Marwan menilai APEMINDO telah memperalat kuasa hukumnya untuk melawan konstitusi. Jadi memang ada pemodal besar untuk mencari keuntungan. Dia mengungkapkan selama satu tahun terakhir jumlah ekspor bauksit meningkat menjadi 40 juta ton dari 7 juta ton. Menurutnya angka 40 juta ton tersebut sudah menghilangkan banyak sekali nilai tambah baik dari sisi lapangan kerja maupun pajak yang diterima oleh negara. "Jadi lihatnya harus secara kompherensif. Saya khawatirkan ada konglomerat dibalik itu semua," kata Marwan.

Menurut kuasa hukum pemohon, Refly Harun pemerintah tidak memiliki mandat untuk melakukan pelarangan ekspor bijih tambang. Bila itu terus dilakukan, maka pemerintah telah melanggar prinsip negara hukum. "Kalau larangan tersebut memang ada dalam undang-undang, maka harus dinyatakan dengan tegas dan jelas. Tafsir pemerintah tersebut bertentangan dengan prinsip negara hukum," ujar Refly di persidangan, Senin (24/1).

Dia mengatakan, larangan tersebut makin menjadi tidak masuk akal dan merugikan para pemohon karena sampai saat ini hanya sedikit perusahaan pertambangan yang bisa memurnikan bijih tambang sendiri di dalam negeri. Sehingga, kalau larangan ini dipaksakan maka akan banyak perusahaan pertambangan yang gulung tikar. Sebaliknya, ia berpendapat yang harus dilakukan oleh pemegang IUP dan IUPK adalah meningkatkan nilai tambah dan pemurnian bahan tambang, bukan larangan ekspor bijih.

Refly menegaskan pihaknya tidak meminta Mahkamah Konstitusi menyatakan pasal yang diuji bertentangan dengan UUD 1945. Akan tetapi MK memberikan tafsir konstitusional terhadap kedua pasal tersebut. Pemohon berargumentasi, seharusnya setiap aturan memberikan kepastian hukum seperti yang disebutkan dalam Pasal 33 UUD 1945. Sementara dalam peraturan pemerintah dan peraturan Menteri ESDM terjadi ketidakkonsistenan. "Ada perubahan-perubahan kebijakan yang tidak konsisten di tingkat peraturan pemerintah, kemudian dalam tingkat peraturan Menteri ESDM, tetapi kemudian kami memandang hal ini bukan lagi masalah peraturan di bawah undang-undang, tetapi masalah konstitusional menyangkut tafsir Pasal 102 dan Pasal 103 yang kami persoalkan," jelas Refly.

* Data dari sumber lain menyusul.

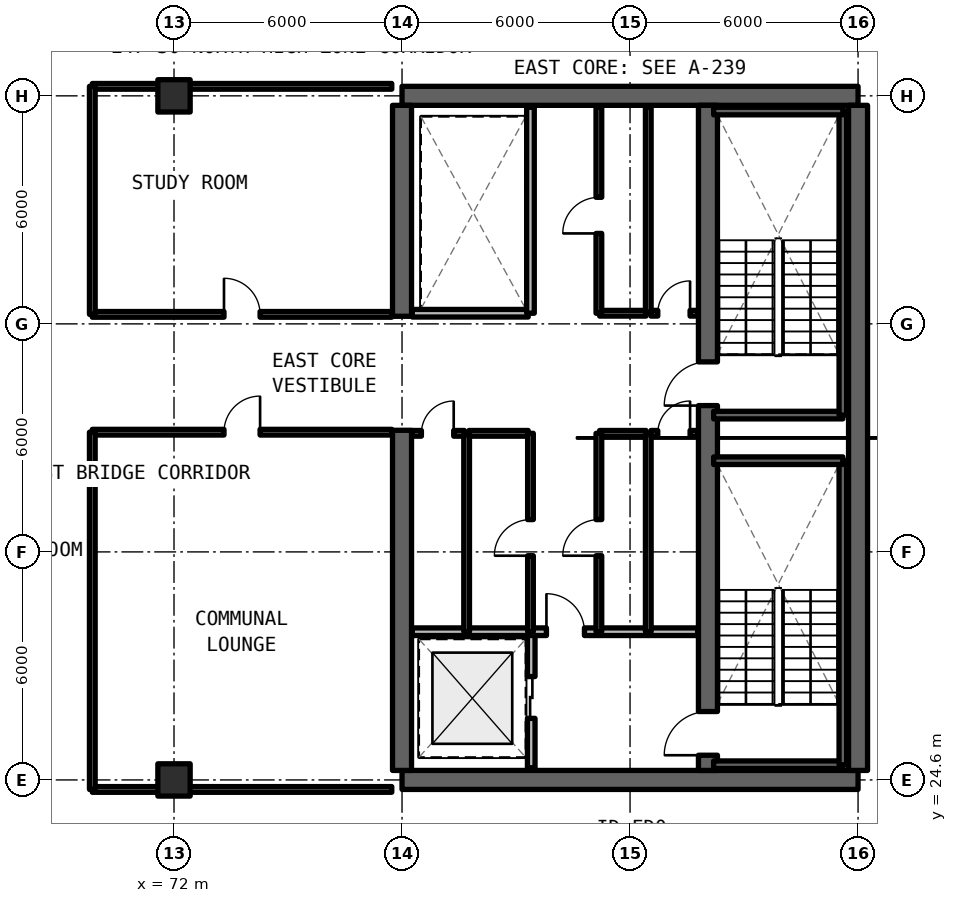
"""IFC4 building model, lengths in metres.
Left out: names, types, materials, properties, quantities, classifications, styles, units other than length and angle.
Written with IfcOpenShell. Run it as: python <this file> out.ifc"""

import sys

from ifc_helpers import new_model, si_unit, direction, frame, frame_2d, origin, origin_2d, place, context, subcontext, project, spatial, rectangle, extrude, element, fill, save


model = new_model("IFC4")
c1 = context("Model", 3, precision=1e-05, world=origin(), true_north=direction((0.0, 1.0)))
c2 = subcontext(c1, "Body", "Model", "MODEL_VIEW")
j1 = project(units=[si_unit("LENGTHUNIT", "METRE"), si_unit("PLANEANGLEUNIT", "RADIAN")], contexts=[c1])
p1 = place(None, origin())
s1 = spatial("IfcSite", under=j1, at=p1, CompositionType="ELEMENT")
p2 = place(p1, origin())
s2 = spatial("IfcBuilding", under=s1, at=p2, CompositionType="ELEMENT")
p3 = place(p2, frame((0.0, 0.0, 169.29)))
s3 = spatial("IfcBuildingStorey", under=s2, at=p3, CompositionType="ELEMENT", Elevation=169.29)
for number, where, z_axis, x_axis in (
    (1, (78.0, 24.6, 0.0), (0.0, 0.0, 1.0), (1.0, 0.0, 0.0)),
    (2, (90.0, 42.6, 0.0), (0.0, 0.0, 1.0), (-1.0, 0.0, 0.0)),
):
    element("IfcWall", number, at=place(p3, frame(where, z_axis=z_axis, x_axis=x_axis)), inside=s3, PredefinedType="SHEAR", context=c2, shape_type="SweptSolid", body=[
        extrude(rectangle(XDim=12.0, YDim=0.5, at=frame_2d((6.0, 0.0))), origin(), (0.0, 0.0, 1.0), 3.63),
    ])
p4 = place(p3, frame((90.0, 24.85, 0.0), z_axis=(0.0, 0.0, 1.0), x_axis=(0.0, 1.0, 0.0)))
e3 = element("IfcWall", 3, at=p4, inside=s3, PredefinedType="SHEAR", context=c2, shape_type="SweptSolid", body=[
    extrude(rectangle(XDim=17.5, YDim=0.5, at=frame_2d((8.75, 0.0))), origin(), (0.0, 0.0, 1.0), 3.63),
])
p5 = place(p3, frame((78.0, 24.85, 0.0), z_axis=(0.0, 0.0, 1.0), x_axis=(0.0, 1.0, 0.0)))
e4 = element("IfcWall", 4, at=p5, inside=s3, PredefinedType="SHEAR", context=c2, shape_type="SweptSolid", body=[
    extrude(rectangle(XDim=8.95, YDim=0.5, at=frame_2d((4.475, 0.0))), origin(), (0.0, 0.0, 1.0), 3.63),
])
p6 = place(p3, frame((78.0, 36.8, 0.0), z_axis=(0.0, 0.0, 1.0), x_axis=(0.0, 1.0, 0.0)))
e5 = element("IfcWall", 5, at=p6, inside=s3, PredefinedType="SHEAR", context=c2, shape_type="SweptSolid", body=[
    extrude(rectangle(XDim=5.55, YDim=0.5, at=frame_2d((2.775, 0.0))), origin(), (0.0, 0.0, 1.0), 3.63),
])
p7 = place(p3, frame((86.05, 24.85, 0.0), z_axis=(0.0, 0.0, 1.0), x_axis=(0.0, 1.0, 0.0)))
e6 = element("IfcWall", 6, at=p7, inside=s3, PredefinedType="SHEAR", context=c2, shape_type="SweptSolid", body=[
    extrude(rectangle(XDim=17.5, YDim=0.5, at=frame_2d((8.75, 0.0))), origin(), (0.0, 0.0, 1.0), 3.63),
])
p8 = place(p7, frame((0.4, 0.0, 0.0)))
e7 = element("IfcOpeningElement", 7, at=p8, cuts=e6, PredefinedType="OPENING", context=c2, shape_type="SweptSolid", body=[
    extrude(rectangle(XDim=1.15, YDim=2.15, at=frame_2d((0.575, 1.075))), frame((0.0, 0.26, 0.0), z_axis=(0.0, -1.0, 0.0), x_axis=(1.0, 0.0, 0.0)), (0.0, 0.0, 1.0), 0.52),
])
p9 = place(p7, frame((9.6, 0.0, 0.0)))
e8 = element("IfcOpeningElement", 8, at=p9, cuts=e6, PredefinedType="OPENING", context=c2, shape_type="SweptSolid", body=[
    extrude(rectangle(XDim=1.15, YDim=2.15, at=frame_2d((0.575, 1.075))), frame((0.0, 0.26, 0.0), z_axis=(0.0, -1.0, 0.0), x_axis=(1.0, 0.0, 0.0)), (0.0, 0.0, 1.0), 0.52),
])
for number, where, z_axis, x_axis in (
    (9, (72.0, 24.6, 0.0), (0.0, 0.0, 1.0), (1.0, 0.0, 0.0)),
    (10, (72.0, 42.6, 0.0), (0.0, 0.0, 1.0), (1.0, 0.0, 0.0)),
):
    element("IfcColumn", number, at=place(p3, frame(where, z_axis=z_axis, x_axis=x_axis)), inside=s3, PredefinedType="COLUMN", context=c2, shape_type="SweptSolid", body=[
        extrude(rectangle(XDim=0.85, YDim=0.85, at=origin_2d()), origin(), (0.0, 0.0, 1.0), 3.63),
    ])
p10 = place(p3, frame((81.4, 24.92, 0.0), z_axis=(0.0, 0.0, 1.0), x_axis=(0.0, 1.0, 0.0)))
e11 = element("IfcWall", 11, at=p10, inside=s3, PredefinedType="SOLIDWALL", context=c2, shape_type="SweptSolid", body=[
    extrude(rectangle(XDim=3.58, YDim=0.2, at=frame_2d((1.79, 0.0))), origin(), (0.0, 0.0, 1.0), 2.57),
])
p11 = place(p10, frame((1.3, 0.0, 0.0)))
e12 = element("IfcOpeningElement", 12, at=p11, cuts=e11, PredefinedType="OPENING", context=c2, shape_type="SweptSolid", body=[
    extrude(rectangle(XDim=1.1, YDim=2.2, at=frame_2d((0.55, 1.1))), frame((0.0, 0.11, 0.0), z_axis=(0.0, -1.0, 0.0), x_axis=(1.0, 0.0, 0.0)), (0.0, 0.0, 1.0), 0.22),
])
p12 = place(p3, frame((78.27, 28.5, 0.0), z_axis=(0.0, 0.0, 1.0), x_axis=(1.0, 0.0, 0.0)))
e13 = element("IfcWall", 13, at=p12, inside=s3, PredefinedType="SOLIDWALL", context=c2, shape_type="SweptSolid", body=[
    extrude(rectangle(XDim=7.51, YDim=0.2, at=frame_2d((3.755, 0.0))), origin(), (0.0, 0.0, 1.0), 2.57),
])
p13 = place(p12, frame((3.53, 0.0, 0.0)))
e14 = element("IfcOpeningElement", 14, at=p13, cuts=e13, PredefinedType="OPENING", context=c2, shape_type="SweptSolid", body=[
    extrude(rectangle(XDim=1.0, YDim=2.15, at=frame_2d((0.5, 1.075))), frame((0.0, 0.11, 0.0), z_axis=(0.0, -1.0, 0.0), x_axis=(1.0, 0.0, 0.0)), (0.0, 0.0, 1.0), 0.22),
])
p14 = place(p3, frame((84.48, 28.5, 0.0), z_axis=(0.0, 0.0, 1.0), x_axis=(0.0, 1.0, 0.0)))
e15 = element("IfcWall", 15, at=p14, inside=s3, PredefinedType="SOLIDWALL", context=c2, shape_type="SweptSolid", body=[
    extrude(rectangle(XDim=5.22, YDim=0.15, at=frame_2d((2.61, 0.0))), origin(), (0.0, 0.0, 1.0), 2.57),
])
p15 = place(p3, frame((84.55, 33.72, 0.0), z_axis=(0.0, 0.0, 1.0), x_axis=(1.0, 0.0, 0.0)))
e16 = element("IfcWall", 16, at=p15, inside=s3, PredefinedType="SOLIDWALL", context=c2, shape_type="SweptSolid", body=[
    extrude(rectangle(XDim=1.23, YDim=0.15, at=frame_2d((0.615, 0.0))), origin(), (0.0, 0.0, 1.0), 2.57),
])
p16 = place(p15, frame((0.18, 0.0, 0.0)))
e17 = element("IfcOpeningElement", 17, at=p16, cuts=e16, PredefinedType="OPENING", context=c2, shape_type="SweptSolid", body=[
    extrude(rectangle(XDim=0.85, YDim=2.1, at=frame_2d((0.425, 1.05))), frame((0.0, 0.085, 0.0), z_axis=(0.0, -1.0, 0.0), x_axis=(1.0, 0.0, 0.0)), (0.0, 0.0, 1.0), 0.17),
])
p17 = place(p3, frame((83.2, 33.72, 0.0), z_axis=(0.0, 0.0, 1.0), x_axis=(1.0, 0.0, 0.0)))
e18 = element("IfcWall", 18, at=p17, inside=s3, PredefinedType="SOLIDWALL", context=c2, shape_type="SweptSolid", body=[
    extrude(rectangle(XDim=1.22, YDim=0.15, at=frame_2d((0.61, 0.0))), origin(), (0.0, 0.0, 1.0), 2.57),
])
p18 = place(p3, frame((83.18, 28.5, 0.0), z_axis=(0.0, 0.0, 1.0), x_axis=(0.0, 1.0, 0.0)))
e19 = element("IfcWall", 19, at=p18, inside=s3, PredefinedType="SOLIDWALL", context=c2, shape_type="SweptSolid", body=[
    extrude(rectangle(XDim=5.22, YDim=0.15, at=frame_2d((2.61, 0.0))), origin(), (0.0, 0.0, 1.0), 2.57),
])
p19 = place(p18, frame((2.0, 0.0, 0.0)))
e20 = element("IfcOpeningElement", 20, at=p19, cuts=e19, PredefinedType="OPENING", context=c2, shape_type="SweptSolid", body=[
    extrude(rectangle(XDim=0.95, YDim=2.15, at=frame_2d((0.475, 1.075))), frame((0.0, 0.085, 0.0), z_axis=(0.0, -1.0, 0.0), x_axis=(1.0, 0.0, 0.0)), (0.0, 0.0, 1.0), 0.17),
])
p20 = place(p3, frame((79.7, 28.5, 0.0), z_axis=(0.0, 0.0, 1.0), x_axis=(0.0, 1.0, 0.0)))
e21 = element("IfcWall", 21, at=p20, inside=s3, PredefinedType="SOLIDWALL", context=c2, shape_type="SweptSolid", body=[
    extrude(rectangle(XDim=5.22, YDim=0.15, at=frame_2d((2.61, 0.0))), origin(), (0.0, 0.0, 1.0), 2.57),
])
p21 = place(p3, frame((79.76, 33.72, 0.0), z_axis=(0.0, 0.0, 1.0), x_axis=(1.0, 0.0, 0.0)))
e22 = element("IfcWall", 22, at=p21, inside=s3, PredefinedType="SOLIDWALL", context=c2, shape_type="SweptSolid", body=[
    extrude(rectangle(XDim=1.56, YDim=0.15, at=frame_2d((0.78, 0.0))), origin(), (0.0, 0.0, 1.0), 2.57),
])
p22 = place(p3, frame((78.27, 33.72, 0.0), z_axis=(0.0, 0.0, 1.0), x_axis=(1.0, 0.0, 0.0)))
e23 = element("IfcWall", 23, at=p22, inside=s3, PredefinedType="SOLIDWALL", context=c2, shape_type="SweptSolid", body=[
    extrude(rectangle(XDim=1.37, YDim=0.15, at=frame_2d((0.685, 0.0))), origin(), (0.0, 0.0, 1.0), 2.57),
])
p23 = place(p22, frame((0.24, 0.0, 0.0)))
e24 = element("IfcOpeningElement", 24, at=p23, cuts=e23, PredefinedType="OPENING", context=c2, shape_type="SweptSolid", body=[
    extrude(rectangle(XDim=0.85, YDim=2.1, at=frame_2d((0.425, 1.05))), frame((0.0, 0.085, 0.0), z_axis=(0.0, -1.0, 0.0), x_axis=(1.0, 0.0, 0.0)), (0.0, 0.0, 1.0), 0.17),
])
p24 = place(p3, frame((81.38, 28.5, 0.0), z_axis=(0.0, 0.0, 1.0), x_axis=(0.0, 1.0, 0.0)))
e25 = element("IfcWall", 25, at=p24, inside=s3, PredefinedType="SOLIDWALL", context=c2, shape_type="SweptSolid", body=[
    extrude(rectangle(XDim=5.22, YDim=0.15, at=frame_2d((2.61, 0.0))), origin(), (0.0, 0.0, 1.0), 2.57),
])
p25 = place(p24, frame((2.0, 0.0, 0.0)))
e26 = element("IfcOpeningElement", 26, at=p25, cuts=e25, PredefinedType="OPENING", context=c2, shape_type="SweptSolid", body=[
    extrude(rectangle(XDim=0.95, YDim=2.15, at=frame_2d((0.475, 1.075))), frame((0.0, 0.085, 0.0), z_axis=(0.0, -1.0, 0.0), x_axis=(1.0, 0.0, 0.0)), (0.0, 0.0, 1.0), 0.17),
])
p26 = place(p3, frame((84.48, 36.88, 0.0), z_axis=(0.0, 0.0, 1.0), x_axis=(0.0, 1.0, 0.0)))
e27 = element("IfcWall", 27, at=p26, inside=s3, PredefinedType="SOLIDWALL", context=c2, shape_type="SweptSolid", body=[
    extrude(rectangle(XDim=5.42, YDim=0.15, at=frame_2d((2.71, 0.0))), origin(), (0.0, 0.0, 1.0), 2.57),
])
p27 = place(p3, frame((84.55, 36.88, 0.0), z_axis=(0.0, 0.0, 1.0), x_axis=(1.0, 0.0, 0.0)))
e28 = element("IfcWall", 28, at=p27, inside=s3, PredefinedType="SOLIDWALL", context=c2, shape_type="SweptSolid", body=[
    extrude(rectangle(XDim=1.23, YDim=0.15, at=frame_2d((0.615, 0.0))), origin(), (0.0, 0.0, 1.0), 2.57),
])
p28 = place(p27, frame((0.18, 0.0, 0.0)))
e29 = element("IfcOpeningElement", 29, at=p28, cuts=e28, PredefinedType="OPENING", context=c2, shape_type="SweptSolid", body=[
    extrude(rectangle(XDim=0.85, YDim=2.1, at=frame_2d((0.425, 1.05))), frame((0.0, 0.085, 0.0), z_axis=(0.0, -1.0, 0.0), x_axis=(1.0, 0.0, 0.0)), (0.0, 0.0, 1.0), 0.17),
])
p29 = place(p3, frame((83.2, 36.88, 0.0), z_axis=(0.0, 0.0, 1.0), x_axis=(1.0, 0.0, 0.0)))
e30 = element("IfcWall", 30, at=p29, inside=s3, PredefinedType="SOLIDWALL", context=c2, shape_type="SweptSolid", body=[
    extrude(rectangle(XDim=1.22, YDim=0.15, at=frame_2d((0.61, 0.0))), origin(), (0.0, 0.0, 1.0), 2.57),
])
p30 = place(p3, frame((83.18, 36.88, 0.0), z_axis=(0.0, 0.0, 1.0), x_axis=(0.0, 1.0, 0.0)))
e31 = element("IfcWall", 31, at=p30, inside=s3, PredefinedType="SOLIDWALL", context=c2, shape_type="SweptSolid", body=[
    extrude(rectangle(XDim=5.42, YDim=0.15, at=frame_2d((2.71, 0.0))), origin(), (0.0, 0.0, 1.0), 2.57),
])
p31 = place(p30, frame((2.1, 0.0, 0.0)))
e32 = element("IfcOpeningElement", 32, at=p31, cuts=e31, PredefinedType="OPENING", context=c2, shape_type="SweptSolid", body=[
    extrude(rectangle(XDim=0.95, YDim=2.15, at=frame_2d((0.475, 1.075))), frame((0.0, 0.085, 0.0), z_axis=(0.0, -1.0, 0.0), x_axis=(1.0, 0.0, 0.0)), (0.0, 0.0, 1.0), 0.17),
])
p32 = place(p3, frame((78.27, 36.88, 0.0), z_axis=(0.0, 0.0, 1.0), x_axis=(1.0, 0.0, 0.0)))
e33 = element("IfcWall", 33, at=p32, inside=s3, PredefinedType="SOLIDWALL", context=c2, shape_type="SweptSolid", body=[
    extrude(rectangle(XDim=3.05, YDim=0.2, at=frame_2d((1.525, 0.0))), origin(), (0.0, 0.0, 1.0), 2.57),
])
p33 = place(p3, frame((81.38, 36.88, 0.0), z_axis=(0.0, 0.0, 1.0), x_axis=(0.0, 1.0, 0.0)))
e34 = element("IfcWall", 34, at=p33, inside=s3, PredefinedType="SOLIDWALL", context=c2, shape_type="SweptSolid", body=[
    extrude(rectangle(XDim=5.42, YDim=0.2, at=frame_2d((2.71, 0.0))), origin(), (0.0, 0.0, 1.0), 2.57),
])
p34 = place(p3, frame((69.85, 24.35, 0.0), z_axis=(0.0, 0.0, 1.0), x_axis=(1.0, 0.0, 0.0)))
e35 = element("IfcWall", 35, at=p34, inside=s3, PredefinedType="SOLIDWALL", context=c2, shape_type="SweptSolid", body=[
    extrude(rectangle(XDim=7.88, YDim=0.15, at=frame_2d((3.94, 0.0))), origin(), (0.0, 0.0, 1.0), 2.57),
])
p35 = place(p3, frame((69.85, 33.75, 0.0), z_axis=(0.0, 0.0, 1.0), x_axis=(1.0, 0.0, 0.0)))
e36 = element("IfcWall", 36, at=p35, inside=s3, PredefinedType="SOLIDWALL", context=c2, shape_type="SweptSolid", body=[
    extrude(rectangle(XDim=7.88, YDim=0.15, at=frame_2d((3.94, 0.0))), origin(), (0.0, 0.0, 1.0), 2.57),
])
p36 = place(p35, frame((3.465, 0.0, 0.0)))
e37 = element("IfcOpeningElement", 37, at=p36, cuts=e36, PredefinedType="OPENING", context=c2, shape_type="SweptSolid", body=[
    extrude(rectangle(XDim=0.95, YDim=2.15, at=frame_2d((0.475, 1.075))), frame((0.0, 0.085, 0.0), z_axis=(0.0, -1.0, 0.0), x_axis=(1.0, 0.0, 0.0)), (0.0, 0.0, 1.0), 0.17),
])
p37 = place(p3, frame((69.85, 24.35, 0.0), z_axis=(0.0, 0.0, 1.0), x_axis=(0.0, 1.0, 0.0)))
e38 = element("IfcWall", 38, at=p37, inside=s3, PredefinedType="SOLIDWALL", context=c2, shape_type="SweptSolid", body=[
    extrude(rectangle(XDim=9.4, YDim=0.15, at=frame_2d((4.7, 0.0))), origin(), (0.0, 0.0, 1.0), 2.57),
])
p38 = place(p3, frame((69.85, 36.85, 0.0), z_axis=(0.0, 0.0, 1.0), x_axis=(1.0, 0.0, 0.0)))
e39 = element("IfcWall", 39, at=p38, inside=s3, PredefinedType="SOLIDWALL", context=c2, shape_type="SweptSolid", body=[
    extrude(rectangle(XDim=7.88, YDim=0.15, at=frame_2d((3.94, 0.0))), origin(), (0.0, 0.0, 1.0), 2.57),
])
p39 = place(p38, frame((3.465, 0.0, 0.0)))
e40 = element("IfcOpeningElement", 40, at=p39, cuts=e39, PredefinedType="OPENING", context=c2, shape_type="SweptSolid", body=[
    extrude(rectangle(XDim=0.95, YDim=2.15, at=frame_2d((0.475, 1.075))), frame((0.0, 0.085, 0.0), z_axis=(0.0, -1.0, 0.0), x_axis=(1.0, 0.0, 0.0)), (0.0, 0.0, 1.0), 0.17),
])
p40 = place(p3, frame((69.85, 42.85, 0.0), z_axis=(0.0, 0.0, 1.0), x_axis=(1.0, 0.0, 0.0)))
e41 = element("IfcWall", 41, at=p40, inside=s3, PredefinedType="SOLIDWALL", context=c2, shape_type="SweptSolid", body=[
    extrude(rectangle(XDim=7.88, YDim=0.15, at=frame_2d((3.94, 0.0))), origin(), (0.0, 0.0, 1.0), 2.57),
])
p41 = place(p3, frame((69.85, 36.85, 0.0), z_axis=(0.0, 0.0, 1.0), x_axis=(0.0, 1.0, 0.0)))
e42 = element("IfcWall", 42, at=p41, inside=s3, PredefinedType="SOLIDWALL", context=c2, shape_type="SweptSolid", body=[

Ketidakkonsistenan itu menurut dia terlihat pada Ketentuan PP Nomor 23 Tahun 2010 tentang Pelaksanaan Kegiatan Usaha Pertambangan Mineral dan Batubara Pasal 84 ayat (3) berbunyi pemegang IUP operasi produksi dan IUPK operasi produksi dapat melakukan ekspor mineral atau batubara yang diproduksi setelah terpenuhinya kebutuhan batubara dan mineral dalam negeri,  sebagaimana dimaksudkan pada ayat (1).

Menurutnya, inti dari peraturan pemerintah itu sesungguhnya tidak melarang ekspor bijih, tapi kemudian yang terjadi dalam peraturan pemerintah terbaru dikatakan bahwa pemegang IUP operasi produksi yang melakukan kegiatan penambahan mineral logam dan telah melakukan kegiatan pengolahan dapat melakukan penjualan dalam jumlah tertentu. "Jadi, satu dapat melakukan ekspor dalam jumlah tertentu, dan kemudian jumlah tertentu itu dielaborasi lagi di dalam peraturan Menteri ESDM yang mengakibatkan ada yang boleh menjual, ada yang tidak," ujarnya.